PostPosted: Sun Aug 01, 2010 5:29 pm    Post subject: Reply with quote

Since I'm the one he's blasting, let me state the situation. I'm in my 4th year at the same private middle school thru EPIK. Most of the students are poor, rural kids, many are on Korean welfare. Many of them aren't interested in learning, their parents are for the most part poorly educated. The parents by and large are not active in their children's learning, and many probably don't know how to. Probably 10% of them try to learn English, some can't, most just don't care. These kids always do poorly on all midterms and finals, the school is rated rather low academically.

There are some kids who live in a newly made high rise project a few miles up the road. Most of their parents are managers and other professionals. There are some good students among them, but many of them, especially grade 3, are just too cool to study. A lot of them are very rude, disruptive and a pain in the ass.

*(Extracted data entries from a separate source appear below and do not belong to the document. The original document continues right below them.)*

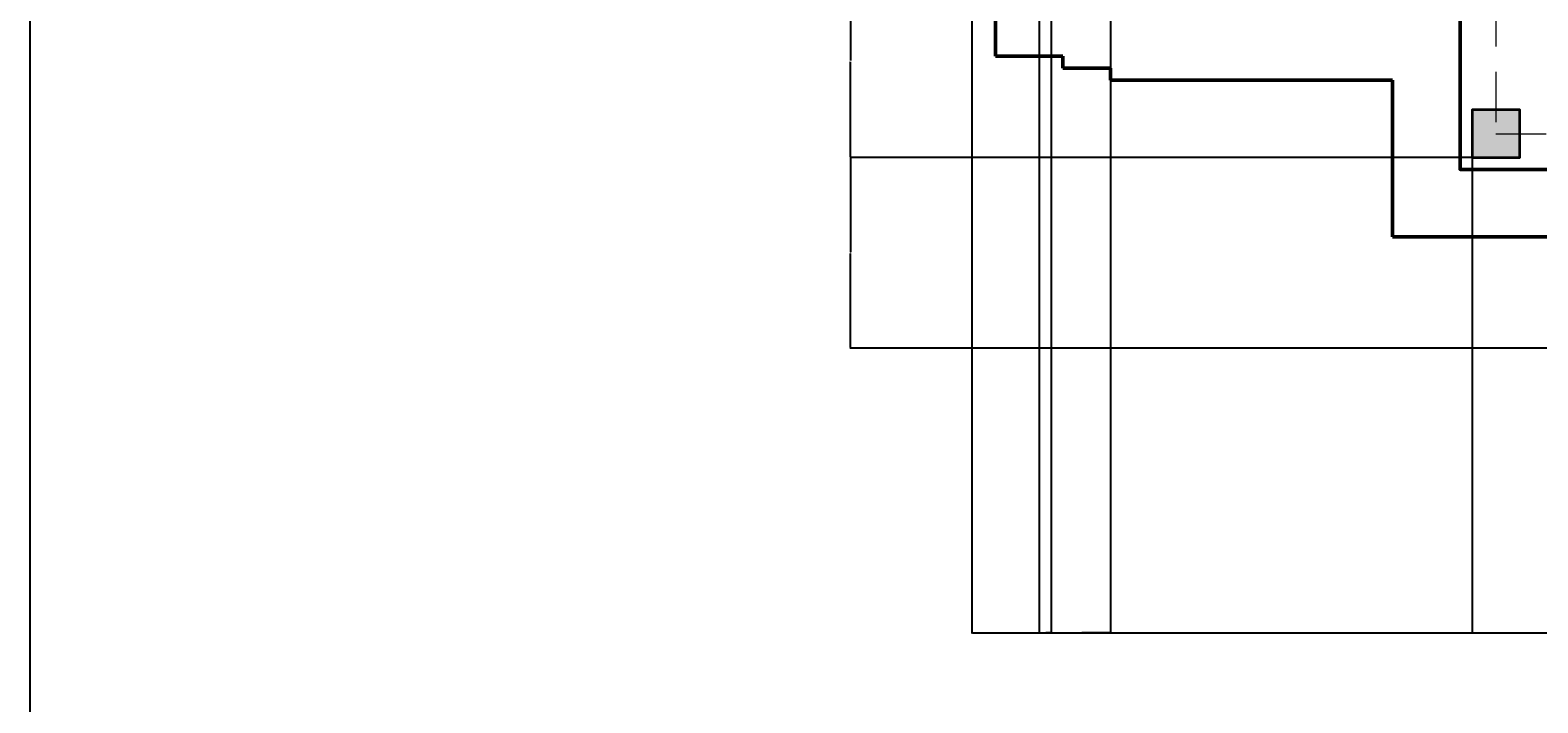
# Model space of a CAD drawing. Units: inches. Extents: x 386 to 107067, y -7 to 96314.
# Tile 3 of 10: x 386 to 766, y 855 to 1024. Entities that reach past the tile are written whole.
import ezdxf

# ---------------------------------------------------------------- set-up
doc = ezdxf.new("R2010")
doc.units = ezdxf.units.IN
doc.linetypes.add('DASHED', pattern=[19.05, 12.7, -6.35])
for name, color, linetype, lineweight in [('A-ANNO-DIMS', 2, 'Continuous', 18), ('A-COLS', 1, 'Continuous', 35), ('A-ELEV', 7, 'Continuous', 25), ('A-FLOR-OVHD', 8, 'DASHED', 18), ('A-WALL', 7, 'Continuous', 50)]:
    doc.layers.add(name, color=color, linetype=linetype, lineweight=lineweight)
doc.styles.get("Standard").update_dxf_attribs({"font": 'arial.ttf'})
doc.dimstyles.get("Standard").update_dxf_attribs({"dimtxt": 0.18, "dimasz": 0.18, "dimexe": 0.18, "dimexo": 0.0625, "dimgap": 0.09, "dimtad": 0, "dimtih": 1, "dimtoh": 1, "dimdec": 4, "dimzin": 0, "dimdsep": 46, "dimtxsty": 'Standard', "dimcen": 0.09, "dimadec": 0, "dimazin": 0, "dimtfac": 1, "dimtdec": 4, "dimtofl": 0, "dimtmove": 0, "dimatfit": 3, "dimfxl": 1, "dimtolj": 1, "dimtzin": 0, "dimarcsym": 0})

# ---------------------------------------------------------------- blocks, each defined once
blk = doc.blocks.new('COL-300')
h = blk.add_hatch(color=256)
h.dxf.hatch_style = 1
h.paths.add_polyline_path([(761.03, 1172.09), (749.03, 1172.09), (749.03, 1160.09), (761.03, 1160.09)])
blk.add_lwpolyline([(749.03, 1160.09), (761.03, 1160.09), (761.03, 1172.09), (749.03, 1172.09)], close=True)
blk = doc.blocks.new('*D8')
at = {"layer": 'A-ANNO-DIMS', "color": 0, "lineweight": -2, "transparency": 16777216}
for p, q in [((623.03, 1046.53), (623.03, 872.22)), ((1169.03, 1014.03), (1169.03, 872.22)), ((623.21, 872.4), (895.74, 872.4)), ((1168.85, 872.4), (896.31, 872.4))]:
    blk.add_line(p, q, dxfattribs=at)
at = {"layer": 'A-ANNO-DIMS', "color": 0, "transparency": 16777216}
for points in [[(623.21, 872.43), (623.21, 872.37), (623.03, 872.4)], [(1168.85, 872.43), (1168.85, 872.37), (1169.03, 872.4)]]:
    blk.add_solid(points, dxfattribs=at)
at = {"layer": 'Defpoints', "color": 0, "transparency": 16777216}
for p in [(623.03, 1046.59), (1169.03, 1014.09), (1169.03, 872.4)]:
    blk.add_point(p, dxfattribs=at)
at = {"layer": 'A-ANNO-DIMS', "color": 0, "transparency": 16777216, "insert": (896.03, 872.4), "char_height": 0.18, "attachment_point": 5}
blk.add_mtext('\\A1;546', dxfattribs=at)
blk = doc.blocks.new('*D27')
at = {"layer": 'A-ANNO-DIMS', "color": 0, "lineweight": -2, "transparency": 16777216}
for p, q in [((749.03, 992.03), (749.03, 872.22)), ((791.03, 992.03), (791.03, 872.22)), ((749.21, 872.4), (769.8, 872.4)), ((790.85, 872.4), (770.25, 872.4))]:
    blk.add_line(p, q, dxfattribs=at)
at = {"layer": 'A-ANNO-DIMS', "color": 0, "transparency": 16777216}
for points in [[(749.21, 872.43), (749.21, 872.37), (749.03, 872.4)], [(790.85, 872.43), (790.85, 872.37), (791.03, 872.4)]]:
    blk.add_solid(points, dxfattribs=at)
at = {"layer": 'Defpoints', "color": 0, "transparency": 16777216}
for p in [(749.03, 992.09), (791.03, 992.09), (791.03, 872.4)]:
    blk.add_point(p, dxfattribs=at)
at = {"layer": 'A-ANNO-DIMS', "color": 0, "transparency": 16777216, "insert": (770.03, 872.4), "char_height": 0.18, "attachment_point": 5}
blk.add_mtext('\\A1;42', dxfattribs=at)
blk = doc.blocks.new('*D31')
at = {"layer": 'A-ANNO-DIMS', "color": 0, "lineweight": -2, "transparency": 16777216}
for p, q in [((748.96, 992.09), (592.35, 992.09)), ((592.53, 991.91), (592.53, 968.27)), ((592.53, 944.27), (592.53, 967.91)), ((790.96, 944.09), (592.35, 944.09))]:
    blk.add_line(p, q, dxfattribs=at)
at = {"layer": 'A-ANNO-DIMS', "color": 0, "transparency": 16777216}
for points in [[(592.5, 991.91), (592.56, 991.91), (592.53, 992.09)], [(592.5, 944.27), (592.56, 944.27), (592.53, 944.09)]]:
    blk.add_solid(points, dxfattribs=at)
at = {"layer": 'Defpoints', "color": 0, "transparency": 16777216}
for p in [(592.53, 992.09), (749.03, 992.09), (791.03, 944.09)]:
    blk.add_point(p, dxfattribs=at)
at = {"layer": 'A-ANNO-DIMS', "color": 0, "transparency": 16777216, "insert": (592.53, 968.09), "char_height": 0.18, "attachment_point": 5}
blk.add_mtext('\\A1;48', dxfattribs=at)
blk = doc.blocks.new('*D32')
at = {"layer": 'A-ANNO-DIMS', "color": 0, "lineweight": -2, "transparency": 16777216}
for p, q in [((748.96, 1040.59), (592.35, 1040.59)), ((592.53, 1040.41), (592.53, 1016.52)), ((592.53, 992.27), (592.53, 1016.16)), ((748.96, 992.09), (592.35, 992.09))]:
    blk.add_line(p, q, dxfattribs=at)
at = {"layer": 'A-ANNO-DIMS', "color": 0, "transparency": 16777216}
for points in [[(592.5, 1040.41), (592.56, 1040.41), (592.53, 1040.59)], [(592.5, 992.27), (592.56, 992.27), (592.53, 992.09)]]:
    blk.add_solid(points, dxfattribs=at)
at = {"layer": 'Defpoints', "color": 0, "transparency": 16777216}
for p in [(592.53, 1040.59), (749.03, 1040.59), (749.03, 992.09)]:
    blk.add_point(p, dxfattribs=at)
at = {"layer": 'A-ANNO-DIMS', "color": 0, "transparency": 16777216, "insert": (592.53, 1016.34), "char_height": 0.18, "attachment_point": 5}
blk.add_mtext('\\A1;48.5', dxfattribs=at)
blk = doc.blocks.new('*D44')
at = {"layer": 'A-ANNO-DIMS', "color": 0, "lineweight": -2, "transparency": 16777216}
for p, q in [((640.03, 1064.28), (640.03, 872.22)), ((643.03, 1064.28), (643.03, 872.22)), ((640.21, 872.4), (641.38, 872.4)), ((642.85, 872.4), (641.67, 872.4))]:
    blk.add_line(p, q, dxfattribs=at)
at = {"layer": 'A-ANNO-DIMS', "color": 0, "transparency": 16777216}
for points in [[(640.21, 872.43), (640.21, 872.37), (640.03, 872.4)], [(642.85, 872.43), (642.85, 872.37), (643.03, 872.4)]]:
    blk.add_solid(points, dxfattribs=at)
at = {"layer": 'Defpoints', "color": 0, "transparency": 16777216}
for p in [(640.03, 1064.34), (643.03, 1064.34), (643.03, 872.4)]:
    blk.add_point(p, dxfattribs=at)
at = {"layer": 'A-ANNO-DIMS', "color": 0, "transparency": 16777216, "insert": (641.53, 872.4), "char_height": 0.18, "attachment_point": 5}
blk.add_mtext('\\A1;3', dxfattribs=at)
blk = doc.blocks.new('*D45')
at = {"layer": 'A-ANNO-DIMS', "color": 0, "lineweight": -2, "transparency": 16777216}
for p, q in [((643.03, 1046.53), (643.03, 872.22)), ((658.03, 1046.53), (658.03, 872.22)), ((643.21, 872.4), (650.31, 872.4)), ((657.85, 872.4), (650.74, 872.4))]:
    blk.add_line(p, q, dxfattribs=at)
at = {"layer": 'A-ANNO-DIMS', "color": 0, "transparency": 16777216}
for points in [[(643.21, 872.43), (643.21, 872.37), (643.03, 872.4)], [(657.85, 872.43), (657.85, 872.37), (658.03, 872.4)]]:
    blk.add_solid(points, dxfattribs=at)
at = {"layer": 'Defpoints', "color": 0, "transparency": 16777216}
for p in [(643.03, 1046.59), (658.03, 1046.59), (658.03, 872.4)]:
    blk.add_point(p, dxfattribs=at)
at = {"layer": 'A-ANNO-DIMS', "color": 0, "transparency": 16777216, "insert": (650.53, 872.4), "char_height": 0.18, "attachment_point": 5}
blk.add_mtext('\\A1;15', dxfattribs=at)

msp = doc.modelspace()

# ---------------------------------------------------------------- linework, layer by layer
at = {"layer": 'A-ELEV'}
msp.add_lwpolyline([(385.946, 1737.774), (1886.0535, 1737.774), (1886.0535, -7.0679), (385.946, -7.0679)], close=True, dxfattribs=at)
at = {"layer": 'A-FLOR-OVHD'}
msp.add_lwpolyline([(755.0252, 998.0919), (923.0252, 998.0919), (923.0252, 1166.0919), (755.0252, 1166.0919)], close=True, dxfattribs=at)
at = {"layer": 'A-WALL'}
for p, q in [((629.0252, 1031.5919), (629.0252, 1017.5919)), ((646.0252, 1017.5919), (646.0252, 1014.5919)), ((658.0252, 1014.5919), (658.0252, 1011.5919)), ((729.0252, 972.0919), (729.0252, 1011.5919))]:
    msp.add_line(p, q, dxfattribs=at)
for points in [[(788.0252, 1175.0919), (746.0252, 1175.0919), (746.0252, 989.0919), (788.0252, 989.0919)], [(629.0252, 1017.5919), (646.0252, 1017.5919)], [(646.0252, 1014.5919), (658.0252, 1014.5919)], [(658.0252, 1011.5919), (729.0252, 1011.5919)], [(729.0252, 972.0919), (771.0252, 972.0919)]]:
    msp.add_lwpolyline(points, dxfattribs=at)

# ---------------------------------------------------------------- block references
at = {"layer": 'A-COLS'}
msp.add_blockref('COL-300', (0, -168), dxfattribs=at)

# ---------------------------------------------------------------- dimensions: what is measured, and where the dimension line sits
at = {"layer": 'A-ANNO-DIMS'}
for base, p1, p2, picture, middle in [((643.0252, 872.3951), (640.0252, 1064.3399), (643.0252, 1064.3399), '*D44', (641.5252, 872.3951)), ((1169.0252, 872.3951), (623.0252, 1046.5919), (1169.0252, 1014.0919), '*D8', (896.0252, 872.3951)), ((658.0252, 872.3951), (643.0252, 1046.5919), (658.0252, 1046.5919), '*D45', (650.5252, 872.3951)), ((791.0252, 872.3951), (749.0252, 992.0919), (791.0252, 992.0919), '*D27', (770.0252, 872.3951))]:
    dim = msp.add_linear_dim(base=base, p1=p1, p2=p2, dimstyle='Standard', override={"dimdec": 0, "dimlfac": 1, "dimrnd": 0, "dimzin": 0, "dimdsep": 46, "dimlunit": 2}, dxfattribs=at)
    dim.commit()
    dim.dimension.update_dxf_attribs({"geometry": picture, "text_midpoint": middle})
for base, p1, p2, override, picture, middle in [((592.5252, 1040.5919), (749.0252, 992.0919), (749.0252, 1040.5919), {"dimdec": 1, "dimlfac": 1, "dimrnd": 0, "dimzin": 0, "dimdsep": 46, "dimlunit": 2}, '*D32', (592.5252, 1016.3419)), ((592.5252, 992.0919), (791.0252, 944.0919), (749.0252, 992.0919), {"dimdec": 0, "dimlfac": 1, "dimrnd": 0, "dimzin": 0, "dimdsep": 46, "dimlunit": 2}, '*D31', (592.5252, 968.0919))]:
    dim = msp.add_linear_dim(base=base, p1=p1, p2=p2, angle=90, dimstyle='Standard', override=override, dxfattribs=at)
    dim.commit()
    dim.dimension.update_dxf_attribs({"geometry": picture, "text_midpoint": middle})

doc.saveas('drawing.dxf')

The teachers can't move around like they do at public schools. Many of them have been at this school for 10+ years. There is serious burnout here. Some are close to retirement and this is the only school they've ever been at. But all around, there are low expectations of the kids. We do what we can, I use use PowerPoint, Adobe Presenter and even some Captivate to make presentations. But results and expectations are low, and I can't change the situation. One of my co-teachers even said as much, "no one expects these kids to be anything but farmers and factory workers." Frankly, with the years I've spent in Korea, I know I won't change anything. I do what I can and don't sweat things like I used to.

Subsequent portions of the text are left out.